According to the second aspect of the present invention, the evaporative fuel adsorbed in the canister can be easily purged by heating the evaporative fuel adsorbent in the canister by the heater.

[Brief description of the drawings]

FIG. 1 is an overall configuration diagram showing a configuration of an evaporative fuel emission prevention device for an internal combustion engine according to an embodiment of the present invention.

FIG. 2 is a flowchart of a program of an evaporative fuel emission prevention control process by the evaporative fuel emission prevention device according to the embodiment.

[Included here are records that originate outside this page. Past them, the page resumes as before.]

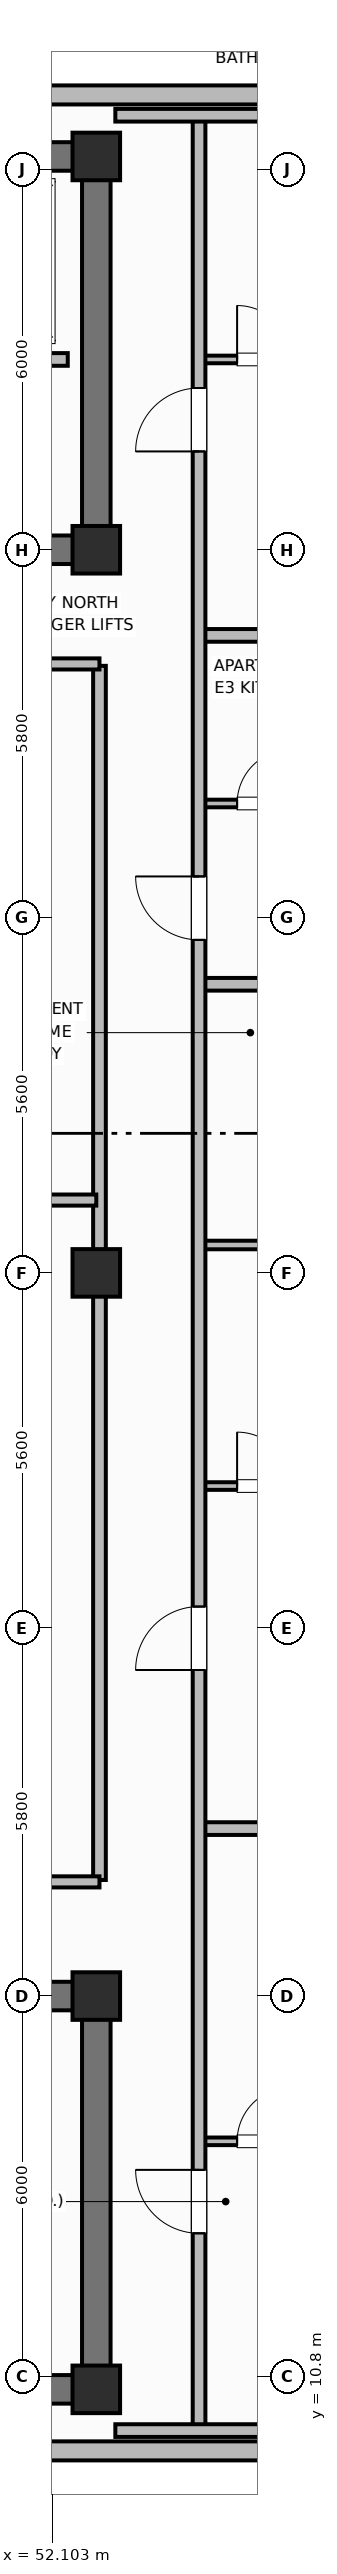
"""IFC4 building model, lengths in metres.
Left out: names, types, materials, properties, quantities, classifications, styles, units other than length and angle.
Written with IfcOpenShell. Run it as: python <this file> out.ifc"""

import sys

from ifc_helpers import new_model, si_unit, direction, frame, frame_2d, origin, origin_2d, place, context, subcontext, project, spatial, rectangle, extrude, element, fill, save


model = new_model("IFC4")
c1 = context("Model", 3, precision=1e-05, world=origin(), true_north=direction((0.0, 1.0)))
c2 = subcontext(c1, "Body", "Model", "MODEL_VIEW")
j1 = project(units=[si_unit("LENGTHUNIT", "METRE"), si_unit("PLANEANGLEUNIT", "RADIAN")], contexts=[c1])
p1 = place(None, origin())
s1 = spatial("IfcSite", under=j1, at=p1, CompositionType="ELEMENT")
p2 = place(p1, origin())
s2 = spatial("IfcBuilding", under=s1, at=p2, CompositionType="ELEMENT")
p3 = place(p2, frame((0.0, 0.0, 275.0)))
s3 = spatial("IfcBuildingStorey", under=s2, at=p3, CompositionType="ELEMENT", Elevation=275.0)
p4 = place(p3, frame((52.8, 10.6, 0.0), z_axis=(0.0, 0.0, 1.0), x_axis=(-1.0, 0.0, 0.0)))
e1 = element("IfcWall", 1, at=p4, inside=s3, PredefinedType="SHEAR", context=c2, shape_type="SweptSolid", body=[
    extrude(rectangle(XDim=27.2, YDim=0.45, at=frame_2d((13.6, 0.0))), origin(), (0.0, 0.0, 1.0), 3.7),
])
p5 = place(p3, frame((52.8, 10.825, 0.0), z_axis=(0.0, 0.0, 1.0), x_axis=(0.0, 1.0, 0.0)))
e2 = element("IfcWall", 2, at=p5, inside=s3, PredefinedType="SHEAR", context=c2, shape_type="SweptSolid", body=[
    extrude(rectangle(XDim=5.75, YDim=0.45, at=frame_2d((2.875, 0.0))), origin(), (0.0, 0.0, 1.0), 3.7),
])
p6 = place(p3, frame((25.6, 16.8, 0.0), z_axis=(0.0, 0.0, 1.0), x_axis=(1.0, 0.0, 0.0)))
e3 = element("IfcWall", 3, at=p6, inside=s3, PredefinedType="SHEAR", context=c2, shape_type="SweptSolid", body=[
    extrude(rectangle(XDim=27.2, YDim=0.45, at=frame_2d((13.6, 0.0))), origin(), (0.0, 0.0, 1.0), 3.7),
])
p7 = place(p6, frame((1.8, 0.0, 0.0)))
e4 = element("IfcOpeningElement", 4, at=p7, cuts=e3, PredefinedType="OPENING", context=c2, shape_type="SweptSolid", body=[
    extrude(rectangle(XDim=1.1, YDim=2.15, at=frame_2d((0.55, 1.075))), frame((0.0, 0.235, 0.0), z_axis=(0.0, -1.0, 0.0), x_axis=(1.0, 0.0, 0.0)), (0.0, 0.0, 1.0), 0.47),
])
p8 = place(p6, frame((5.6, 0.0, 0.0)))
e5 = element("IfcOpeningElement", 5, at=p8, cuts=e3, PredefinedType="OPENING", context=c2, shape_type="SweptSolid", body=[
    extrude(rectangle(XDim=0.85, YDim=2.1, at=frame_2d((0.425, 1.05))), frame((0.0, 0.235, 0.0), z_axis=(0.0, -1.0, 0.0), x_axis=(1.0, 0.0, 0.0)), (0.0, 0.0, 1.0), 0.47),
])
p9 = place(p6, frame((13.0, 0.0, 0.0)))
e6 = element("IfcOpeningElement", 6, at=p9, cuts=e3, PredefinedType="OPENING", context=c2, shape_type="SweptSolid", body=[
    extrude(rectangle(XDim=1.2, YDim=2.15, at=frame_2d((0.6, 1.075))), frame((0.0, 0.235, 0.0), z_axis=(0.0, -1.0, 0.0), x_axis=(1.0, 0.0, 0.0)), (0.0, 0.0, 1.0), 0.47),
])
p10 = place(p6, frame((19.2, 0.0, 0.0)))
e7 = element("IfcOpeningElement", 7, at=p10, cuts=e3, PredefinedType="OPENING", context=c2, shape_type="SweptSolid", body=[
    extrude(rectangle(XDim=0.85, YDim=2.1, at=frame_2d((0.425, 1.05))), frame((0.0, 0.235, 0.0), z_axis=(0.0, -1.0, 0.0), x_axis=(1.0, 0.0, 0.0)), (0.0, 0.0, 1.0), 0.47),
])
p11 = place(p6, frame((23.8, 0.0, 0.0)))
e8 = element("IfcOpeningElement", 8, at=p11, cuts=e3, PredefinedType="OPENING", context=c2, shape_type="SweptSolid", body=[
    extrude(rectangle(XDim=0.9, YDim=2.1, at=frame_2d((0.45, 1.05))), frame((0.0, 0.235, 0.0), z_axis=(0.0, -1.0, 0.0), x_axis=(1.0, 0.0, 0.0)), (0.0, 0.0, 1.0), 0.47),
])
p12 = place(p3, frame((25.6, 45.8, 0.0), z_axis=(0.0, 0.0, 1.0), x_axis=(1.0, 0.0, 0.0)))
e9 = element("IfcWall", 9, at=p12, inside=s3, PredefinedType="SHEAR", context=c2, shape_type="SweptSolid", body=[
    extrude(rectangle(XDim=27.2, YDim=0.45, at=frame_2d((13.6, 0.0))), origin(), (0.0, 0.0, 1.0), 3.7),
])
p13 = place(p3, frame((52.8, 39.825, 0.0), z_axis=(0.0, 0.0, 1.0), x_axis=(0.0, 1.0, 0.0)))
e10 = element("IfcWall", 10, at=p13, inside=s3, PredefinedType="SHEAR", context=c2, shape_type="SweptSolid", body=[
    extrude(rectangle(XDim=5.75, YDim=0.45, at=frame_2d((2.875, 0.0))), origin(), (0.0, 0.0, 1.0), 3.7),
])
p14 = place(p3, frame((52.8, 39.6, 0.0), z_axis=(0.0, 0.0, 1.0), x_axis=(-1.0, 0.0, 0.0)))
e11 = element("IfcWall", 11, at=p14, inside=s3, PredefinedType="SHEAR", context=c2, shape_type="SweptSolid", body=[
    extrude(rectangle(XDim=27.2, YDim=0.45, at=frame_2d((13.6, 0.0))), origin(), (0.0, 0.0, 1.0), 3.7),
])
p15 = place(p14, frame((24.2, 0.0, 0.0)))
e12 = element("IfcOpeningElement", 12, at=p15, cuts=e11, PredefinedType="OPENING", context=c2, shape_type="SweptSolid", body=[
    extrude(rectangle(XDim=1.1, YDim=2.15, at=frame_2d((0.55, 1.075))), frame((0.0, 0.235, 0.0), z_axis=(0.0, -1.0, 0.0), x_axis=(1.0, 0.0, 0.0)), (0.0, 0.0, 1.0), 0.47),
])
p16 = place(p14, frame((20.55, 0.0, 0.0)))
e13 = element("IfcOpeningElement", 13, at=p16, cuts=e11, PredefinedType="OPENING", context=c2, shape_type="SweptSolid", body=[
    extrude(rectangle(XDim=0.95, YDim=2.1, at=frame_2d((0.475, 1.05))), frame((0.0, 0.235, 0.0), z_axis=(0.0, -1.0, 0.0), x_axis=(1.0, 0.0, 0.0)), (0.0, 0.0, 1.0), 0.47),
])
p17 = place(p14, frame((15.1, 0.0, 0.0)))
e14 = element("IfcOpeningElement", 14, at=p17, cuts=e11, PredefinedType="OPENING", context=c2, shape_type="SweptSolid", body=[
    extrude(rectangle(XDim=1.2, YDim=2.15, at=frame_2d((0.6, 1.075))), frame((0.0, 0.235, 0.0), z_axis=(0.0, -1.0, 0.0), x_axis=(1.0, 0.0, 0.0)), (0.0, 0.0, 1.0), 0.47),
])
p18 = place(p14, frame((13.05, 0.0, 0.0)))
e15 = element("IfcOpeningElement", 15, at=p18, cuts=e11, PredefinedType="OPENING", context=c2, shape_type="SweptSolid", body=[
    extrude(rectangle(XDim=0.85, YDim=2.1, at=frame_2d((0.425, 1.05))), frame((0.0, 0.235, 0.0), z_axis=(0.0, -1.0, 0.0), x_axis=(1.0, 0.0, 0.0)), (0.0, 0.0, 1.0), 0.47),
])
p19 = place(p14, frame((11.0, 0.0, 0.0)))
e16 = element("IfcOpeningElement", 16, at=p19, cuts=e11, PredefinedType="OPENING", context=c2, shape_type="SweptSolid", body=[
    extrude(rectangle(XDim=0.85, YDim=2.1, at=frame_2d((0.425, 1.05))), frame((0.0, 0.235, 0.0), z_axis=(0.0, -1.0, 0.0), x_axis=(1.0, 0.0, 0.0)), (0.0, 0.0, 1.0), 0.47),
])
p20 = place(p14, frame((7.35, 0.0, 0.0)))
e17 = element("IfcOpeningElement", 17, at=p20, cuts=e11, PredefinedType="OPENING", context=c2, shape_type="SweptSolid", body=[
    extrude(rectangle(XDim=0.85, YDim=2.1, at=frame_2d((0.425, 1.05))), frame((0.0, 0.235, 0.0), z_axis=(0.0, -1.0, 0.0), x_axis=(1.0, 0.0, 0.0)), (0.0, 0.0, 1.0), 0.47),
])
p21 = place(p14, frame((4.2, 0.0, 0.0)))
e18 = element("IfcOpeningElement", 18, at=p21, cuts=e11, PredefinedType="OPENING", context=c2, shape_type="SweptSolid", body=[
    extrude(rectangle(XDim=1.3, YDim=2.2, at=frame_2d((0.65, 1.1))), frame((0.0, 0.235, 0.0), z_axis=(0.0, -1.0, 0.0), x_axis=(1.0, 0.0, 0.0)), (0.0, 0.0, 1.0), 0.47),
])
for number, where, z_axis, x_axis in (
    (19, (52.8, 10.6, 0.0), (0.0, 0.0, 1.0), (1.0, 0.0, 0.0)),
    (20, (52.8, 16.8, 0.0), (0.0, 0.0, 1.0), (1.0, 0.0, 0.0)),
    (21, (52.8, 39.6, 0.0), (0.0, 0.0, 1.0), (1.0, 0.0, 0.0)),
    (22, (52.8, 45.8, 0.0), (0.0, 0.0, 1.0), (1.0, 0.0, 0.0)),
    (23, (52.8, 28.2, 0.0), (0.0, 0.0, 1.0), (1.0, 0.0, 0.0)),
):
    element("IfcColumn", number, at=place(p3, frame(where, z_axis=z_axis, x_axis=x_axis)), inside=s3, PredefinedType="COLUMN", context=c2, shape_type="SweptSolid", body=[
        extrude(rectangle(XDim=0.75, YDim=0.75, at=origin_2d()), origin(), (0.0, 0.0, 1.0), 3.7),
    ])
p22 = place(p3, frame((30.61, 9.63, 0.0), z_axis=(0.0, 0.0, 1.0), x_axis=(1.0, 0.0, 0.0)))
e24 = element("IfcWall", 24, at=p22, inside=s3, PredefinedType="SOLIDWALL", context=c2, shape_type="SweptSolid", body=[
    extrude(rectangle(XDim=25.23, YDim=0.3, at=frame_2d((12.615, 0.0))), origin(), (0.0, 0.0, 1.0), 2.73),
])
p23 = place(p22, frame((0.894, 0.0, 0.71)))
e25 = element("IfcOpeningElement", 25, at=p23, cuts=e24, PredefinedType="OPENING", context=c2, shape_type="SweptSolid", body=[
    extrude(rectangle(XDim=2.1, YDim=1.9, at=frame_2d((1.05, 0.95))), frame((0.0, 0.16, 0.0), z_axis=(0.0, -1.0, 0.0), x_axis=(1.0, 0.0, 0.0)), (0.0, 0.0, 1.0), 0.32),
])
p24 = place(p22, frame((5.933, 0.0, 0.71)))
e26 = element("IfcOpeningElement", 26, at=p24, cuts=e24, PredefinedType="OPENING", context=c2, shape_type="SweptSolid", body=[
    extrude(rectangle(XDim=2.1, YDim=1.9, at=frame_2d((1.05, 0.95))), frame((0.0, 0.16, 0.0), z_axis=(0.0, -1.0, 0.0), x_axis=(1.0, 0.0, 0.0)), (0.0, 0.0, 1.0), 0.32),
])
p25 = place(p22, frame((9.221, 0.0, 0.71)))
e27 = element("IfcOpeningElement", 27, at=p25, cuts=e24, PredefinedType="OPENING", context=c2, shape_type="SweptSolid", body=[
    extrude(rectangle(XDim=2.1, YDim=1.9, at=frame_2d((1.05, 0.95))), frame((0.0, 0.16, 0.0), z_axis=(0.0, -1.0, 0.0), x_axis=(1.0, 0.0, 0.0)), (0.0, 0.0, 1.0), 0.32),
])
p26 = place(p22, frame((13.909, 0.0, 0.71)))
e28 = element("IfcOpeningElement", 28, at=p26, cuts=e24, PredefinedType="OPENING", context=c2, shape_type="SweptSolid", body=[
    extrude(rectangle(XDim=2.1, YDim=1.9, at=frame_2d((1.05, 0.95))), frame((0.0, 0.16, 0.0), z_axis=(0.0, -1.0, 0.0), x_axis=(1.0, 0.0, 0.0)), (0.0, 0.0, 1.0), 0.32),
])
p27 = place(p22, frame((17.548, 0.0, 0.71)))
e29 = element("IfcOpeningElement", 29, at=p27, cuts=e24, PredefinedType="OPENING", context=c2, shape_type="SweptSolid", body=[
    extrude(rectangle(XDim=2.1, YDim=1.9, at=frame_2d((1.05, 0.95))), frame((0.0, 0.16, 0.0), z_axis=(0.0, -1.0, 0.0), x_axis=(1.0, 0.0, 0.0)), (0.0, 0.0, 1.0), 0.32),
])
p28 = place(p3, frame((55.84, 46.77, 0.0), z_axis=(0.0, 0.0, 1.0), x_axis=(-1.0, 0.0, 0.0)))
e30 = element("IfcWall", 30, at=p28, inside=s3, PredefinedType="SOLIDWALL", context=c2, shape_type="SweptSolid", body=[
    extrude(rectangle(XDim=4.45, YDim=0.3, at=frame_2d((2.225, 0.0))), origin(), (0.0, 0.0, 1.0), 2.73),
])
p29 = place(p3, frame((52.35, 42.6, 0.0), z_axis=(0.0, 0.0, 1.0), x_axis=(-1.0, 0.0, 0.0)))
e31 = element("IfcWall", 31, at=p29, inside=s3, PredefinedType="PARTITIONING", context=c2, shape_type="SweptSolid", body=[
    extrude(rectangle(XDim=6.5, YDim=0.2, at=frame_2d((3.25, 0.0))), origin(), (0.0, 0.0, 1.0), 2.56),
])
p30 = place(p29, frame((4.9, 0.0, 0.0)))
e32 = element("IfcOpeningElement", 32, at=p30, cuts=e31, PredefinedType="OPENING", context=c2, shape_type="SweptSolid", body=[
    extrude(rectangle(XDim=1.0, YDim=2.15, at=frame_2d((0.5, 1.075))), frame((0.0, 0.11, 0.0), z_axis=(0.0, -1.0, 0.0), x_axis=(1.0, 0.0, 0.0)), (0.0, 0.0, 1.0), 0.22),
])
p31 = place(p29, frame((2.8, 0.0, 0.0)))
e33 = element("IfcOpeningElement", 33, at=p31, cuts=e31, PredefinedType="OPENING", context=c2, shape_type="SweptSolid", body=[
    extrude(rectangle(XDim=1.0, YDim=2.15, at=frame_2d((0.5, 1.075))), frame((0.0, 0.11, 0.0), z_axis=(0.0, -1.0, 0.0), x_axis=(1.0, 0.0, 0.0)), (0.0, 0.0, 1.0), 0.22),
])
p32 = place(p29, frame((0.7, 0.0, 0.0)))
e34 = element("IfcOpeningElement", 34, at=p32, cuts=e31, PredefinedType="OPENING", context=c2, shape_type="SweptSolid", body=[
    extrude(rectangle(XDim=1.0, YDim=2.15, at=frame_2d((0.5, 1.075))), frame((0.0, 0.11, 0.0), z_axis=(0.0, -1.0, 0.0), x_axis=(1.0, 0.0, 0.0)), (0.0, 0.0, 1.0), 0.22),
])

FIG. 3 is a flowchart of a program for calculating a target duty ratio DRO of a control valve 30 in step S14 of FIG. 2;

[Explanation of symbols]

 Reference Signs List 1 internal combustion engine 2 intake pipe 3 throttle 5 ECU (control means) 9 fuel tank 10 filler port 11 filler cap 13 intake pipe absolute pressure sensor 15 tank internal pressure sensor 16 fuel temperature sensor 17 rotation speed sensor 30 tank pressure control valve 31 charge passage 32 Purge passage 33 canister 36 solenoid valve 38 vent shut valve (open / close valve) 40 heater

──────────────────────────────────────────────────の Continued on the front page (51) Int.Cl. ⁶ Identification code FI F02M 37/00 301 B60K 15/02 L

Claims (2)

[Claims] 1. A canister connected to a fuel tank,
A purge passage connecting the canister to an intake system of the internal combustion engine; a control valve provided in the purge passage for opening and closing the purge passage; and an on-off valve provided in an atmosphere passage for opening the canister to the atmosphere. In the evaporative fuel release prevention device for an internal combustion engine, when the internal combustion engine is operating, the control unit controls the opening degree of the control valve so that the on-off valve is closed and the internal pressure of the fuel tank becomes a negative pressure. An evaporative fuel emission prevention device for an internal combustion engine, comprising: 2. The apparatus according to claim 1, wherein the canister includes a heater for heating the fuel vapor adsorbent in the canister.